Chinese package delivery company ZTO Express raised $1.4 billion (£1.1 billion) in the biggest US initial public offering of the year on Wednesday. ZTO priced 72.1 million shares at $19.50 (£15.96) a share, above its previously indicated range of $16.50 (£13.50) to $18.50 (£15.14) a share.

Tesla shares rose Wednesday after the electric car and battery maker reported better than expected sales and said it is on track to meet its delivery targets for the year. Revenue in the third-quarter was $2.3 billion (£1.8 billion), well above the $1.9 billion (£1.5 billion) analysts expected.

Mexico's InvestaBank said on Wednesday it had agreed to buy two Mexican units of Deutsche Bank as the German lender exits non-core businesses amid a drive to cut costs in a major organisational shake-up. InvestaBank said in a statement it would seek a capital increase of some 2.5 billion pesos (£108.8 million, $133 million) to help fund the purchase of the units, Deutsche Bank Mexico and Deutsche Securities, without disclosing the price tag for the deal.

Snapchat's parent company, Snap Inc., is aiming to raise "as much as $4 billion (£3.2 billion)" when it goes public early next year, according to a Wednesday report from Bloomberg's Alex Barinka and Sarah Frier. A source previously told Business Insider that Snap plans to go public by late March at around a $25 billion (£20.4 billion) valuation, but now Bloomberg is saying that number could swell as high as $35 billion (£28.6 billion) or even $40 billion (£32.7 billion).

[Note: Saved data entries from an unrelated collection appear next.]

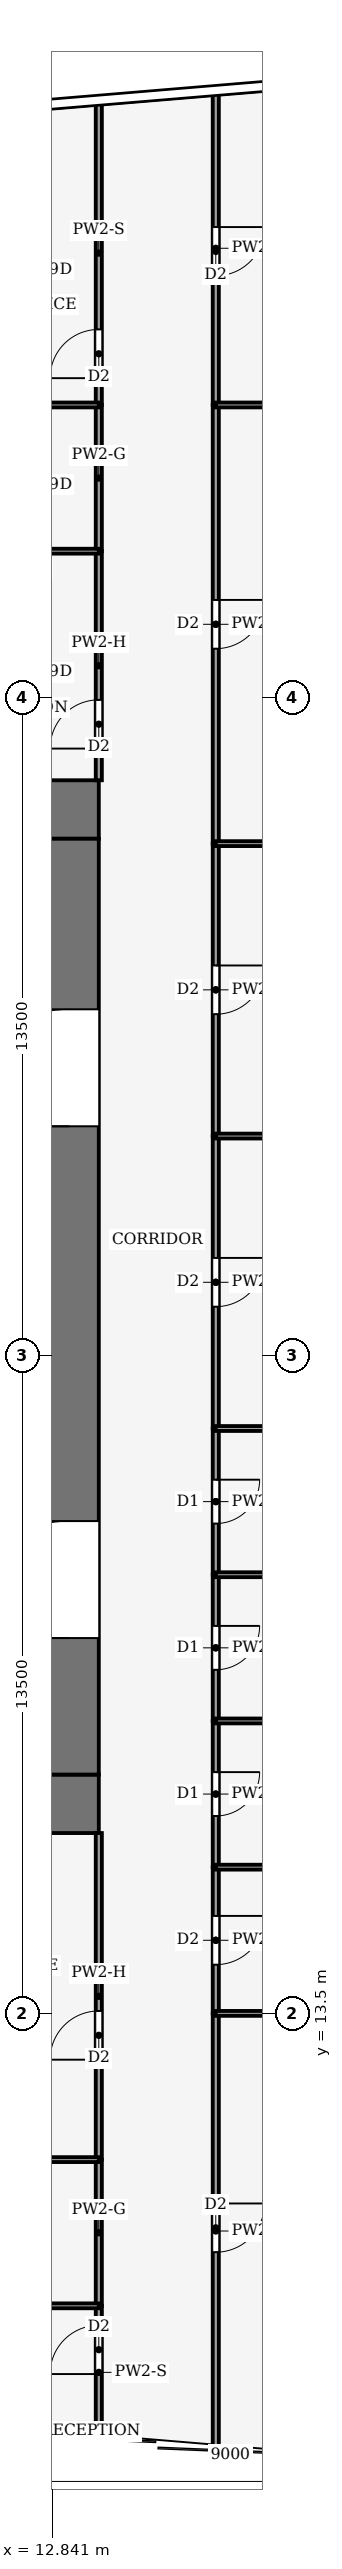
"""IFC4 building model, lengths in metres.
Left out: names, types, materials, properties, quantities, classifications, styles, units other than length and angle.
Written with IfcOpenShell. Run it as: python <this file> out.ifc"""

import sys

from ifc_helpers import new_model, si_unit, direction, frame, frame_2d, origin, place, context, subcontext, project, spatial, rectangle, extrude, element, fill, save


model = new_model("IFC4")
c1 = context("Model", 3, precision=1e-05, world=origin(), true_north=direction((0.0, 1.0)))
c2 = subcontext(c1, "Body", "Model", "MODEL_VIEW")
j1 = project(units=[si_unit("LENGTHUNIT", "METRE"), si_unit("PLANEANGLEUNIT", "RADIAN")], contexts=[c1])
p1 = place(None, origin())
s1 = spatial("IfcSite", under=j1, at=p1, CompositionType="ELEMENT")
p2 = place(p1, origin())
s2 = spatial("IfcBuilding", under=s1, at=p2, CompositionType="ELEMENT")
p3 = place(p2, frame((0.0, 0.0, 86.0)))
s3 = spatial("IfcBuildingStorey", under=s2, at=p3, CompositionType="ELEMENT", Elevation=86.0)
for number, where, z_axis, x_axis in (
    (1, (-13.8, 17.8, -0.13), (0.0, 0.0, 1.0), (1.0, 0.0, 0.0)),
    (2, (-13.8, 38.2, -0.13), (0.0, 0.0, 1.0), (1.0, 0.0, 0.0)),
):
    element("IfcWall", number, at=place(p3, frame(where, z_axis=z_axis, x_axis=x_axis)), inside=s3, PredefinedType="SHEAR", context=c2, shape_type="SweptSolid", body=[
        extrude(rectangle(XDim=27.6, YDim=1.2, at=frame_2d((13.8, 0.0))), origin(), (0.0, 0.0, 1.0), 4.0),
    ])
p4 = place(p3, frame((13.2, 18.4, -0.13), z_axis=(0.0, 0.0, 1.0), x_axis=(0.0, 1.0, 0.0)))
e3 = element("IfcWall", 3, at=p4, inside=s3, PredefinedType="SHEAR", context=c2, shape_type="SweptSolid", body=[
    extrude(rectangle(XDim=19.2, YDim=1.2, at=frame_2d((9.6, 0.0))), origin(), (0.0, 0.0, 1.0), 4.0),
])
p5 = place(p4, frame((2.8, 0.0, 0.13)))
e4 = element("IfcOpeningElement", 4, at=p5, cuts=e3, PredefinedType="OPENING", context=c2, shape_type="SweptSolid", body=[
    extrude(rectangle(XDim=2.4, YDim=2.4, at=frame_2d((1.2, 1.2))), frame((0.0, 0.61, 0.0), z_axis=(0.0, -1.0, 0.0), x_axis=(1.0, 0.0, 0.0)), (0.0, 0.0, 1.0), 1.22),
])
p6 = place(p4, frame((13.3, 0.0, 0.13)))
e5 = element("IfcOpeningElement", 5, at=p6, cuts=e3, PredefinedType="OPENING", context=c2, shape_type="SweptSolid", body=[
    extrude(rectangle(XDim=2.4, YDim=2.4, at=frame_2d((1.2, 1.2))), frame((0.0, 0.61, 0.0), z_axis=(0.0, -1.0, 0.0), x_axis=(1.0, 0.0, 0.0)), (0.0, 0.0, 1.0), 1.22),
])
p7 = place(p3, frame((16.2, 13.5, 0.0), z_axis=(0.0, 0.0, 1.0), x_axis=(0.0, -1.0, 0.0)))
e6 = element("IfcWall", 6, at=p7, inside=s3, PredefinedType="PARTITIONING", context=c2, shape_type="SweptSolid", body=[
    extrude(rectangle(XDim=8.93, YDim=0.125, at=frame_2d((4.465, 0.0))), origin(), (0.0, 0.0, 1.0), 3.04),
])
p8 = place(p7, frame((3.9, 0.0, 0.0)))
e7 = element("IfcOpeningElement", 7, at=p8, cuts=e6, PredefinedType="OPENING", context=c2, shape_type="SweptSolid", body=[
    extrude(rectangle(XDim=1.0, YDim=2.1, at=frame_2d((0.5, 1.05))), frame((0.0, 0.073, 0.0), z_axis=(0.0, -1.0, 0.0), x_axis=(1.0, 0.0, 0.0)), (0.0, 0.0, 1.0), 0.145),
])
p9 = place(p3, frame((16.2, 16.5, 0.0), z_axis=(0.0, 0.0, 1.0), x_axis=(0.0, -1.0, 0.0)))
e8 = element("IfcWall", 8, at=p9, inside=s3, PredefinedType="PARTITIONING", context=c2, shape_type="SweptSolid", body=[
    extrude(rectangle(XDim=3.0, YDim=0.125, at=frame_2d((1.5, 0.0))), origin(), (0.0, 0.0, 1.0), 3.87),
])
p10 = place(p9, frame((1.0, 0.0, 0.0)))
e9 = element("IfcOpeningElement", 9, at=p10, cuts=e8, PredefinedType="OPENING", context=c2, shape_type="SweptSolid", body=[
    extrude(rectangle(XDim=1.0, YDim=2.1, at=frame_2d((0.5, 1.05))), frame((0.0, 0.073, 0.0), z_axis=(0.0, -1.0, 0.0), x_axis=(1.0, 0.0, 0.0)), (0.0, 0.0, 1.0), 0.145),
])
p11 = place(p3, frame((16.2, 19.5, 0.0), z_axis=(0.0, 0.0, 1.0), x_axis=(0.0, -1.0, 0.0)))
e10 = element("IfcWall", 10, at=p11, inside=s3, PredefinedType="PARTITIONING", context=c2, shape_type="SweptSolid", body=[
    extrude(rectangle(XDim=3.0, YDim=0.125, at=frame_2d((1.5, 0.0))), origin(), (0.0, 0.0, 1.0), 3.14),
])
p12 = place(p11, frame((1.05, 0.0, 0.0)))
e11 = element("IfcOpeningElement", 11, at=p12, cuts=e10, PredefinedType="OPENING", context=c2, shape_type="SweptSolid", body=[
    extrude(rectangle(XDim=0.9, YDim=2.1, at=frame_2d((0.45, 1.05))), frame((0.0, 0.073, 0.0), z_axis=(0.0, -1.0, 0.0), x_axis=(1.0, 0.0, 0.0)), (0.0, 0.0, 1.0), 0.145),
])
p13 = place(p3, frame((16.2, 22.5, 0.0), z_axis=(0.0, 0.0, 1.0), x_axis=(0.0, -1.0, 0.0)))
e12 = element("IfcWall", 12, at=p13, inside=s3, PredefinedType="PARTITIONING", context=c2, shape_type="SweptSolid", body=[
    extrude(rectangle(XDim=3.0, YDim=0.125, at=frame_2d((1.5, 0.0))), origin(), (0.0, 0.0, 1.0), 3.87),
])
p14 = place(p13, frame((1.05, 0.0, 0.0)))
e13 = element("IfcOpeningElement", 13, at=p14, cuts=e12, PredefinedType="OPENING", context=c2, shape_type="SweptSolid", body=[
    extrude(rectangle(XDim=0.9, YDim=2.1, at=frame_2d((0.45, 1.05))), frame((0.0, 0.073, 0.0), z_axis=(0.0, -1.0, 0.0), x_axis=(1.0, 0.0, 0.0)), (0.0, 0.0, 1.0), 0.145),
])
p15 = place(p3, frame((16.2, 25.5, 0.0), z_axis=(0.0, 0.0, 1.0), x_axis=(0.0, -1.0, 0.0)))
e14 = element("IfcWall", 14, at=p15, inside=s3, PredefinedType="PARTITIONING", context=c2, shape_type="SweptSolid", body=[
    extrude(rectangle(XDim=3.0, YDim=0.125, at=frame_2d((1.5, 0.0))), origin(), (0.0, 0.0, 1.0), 3.48),
])
p16 = place(p15, frame((1.05, 0.0, 0.0)))
e15 = element("IfcOpeningElement", 15, at=p16, cuts=e14, PredefinedType="OPENING", context=c2, shape_type="SweptSolid", body=[
    extrude(rectangle(XDim=0.9, YDim=2.1, at=frame_2d((0.45, 1.05))), frame((0.0, 0.073, 0.0), z_axis=(0.0, -1.0, 0.0), x_axis=(1.0, 0.0, 0.0)), (0.0, 0.0, 1.0), 0.145),
])
p17 = place(p3, frame((16.2, 31.5, 0.0), z_axis=(0.0, 0.0, 1.0), x_axis=(0.0, -1.0, 0.0)))
e16 = element("IfcWall", 16, at=p17, inside=s3, PredefinedType="PARTITIONING", context=c2, shape_type="SweptSolid", body=[
    extrude(rectangle(XDim=6.0, YDim=0.125, at=frame_2d((3.0, 0.0))), origin(), (0.0, 0.0, 1.0), 3.48),
])
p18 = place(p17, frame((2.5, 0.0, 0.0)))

The new CEO of the Financial Conduct Authority (FCA) has hit back at a think tank report that dubbed the regulator "timid and cowed." Andrew Bailey said: "I have to say I thought the New City Agenda report was pretty disappointing. It was very rooted in the past. It drags over past history. It's just raked over the old coals."

This article was written by Oscar Williams-grut from Business Insider and was legally licensed through the NewsCred publisher network.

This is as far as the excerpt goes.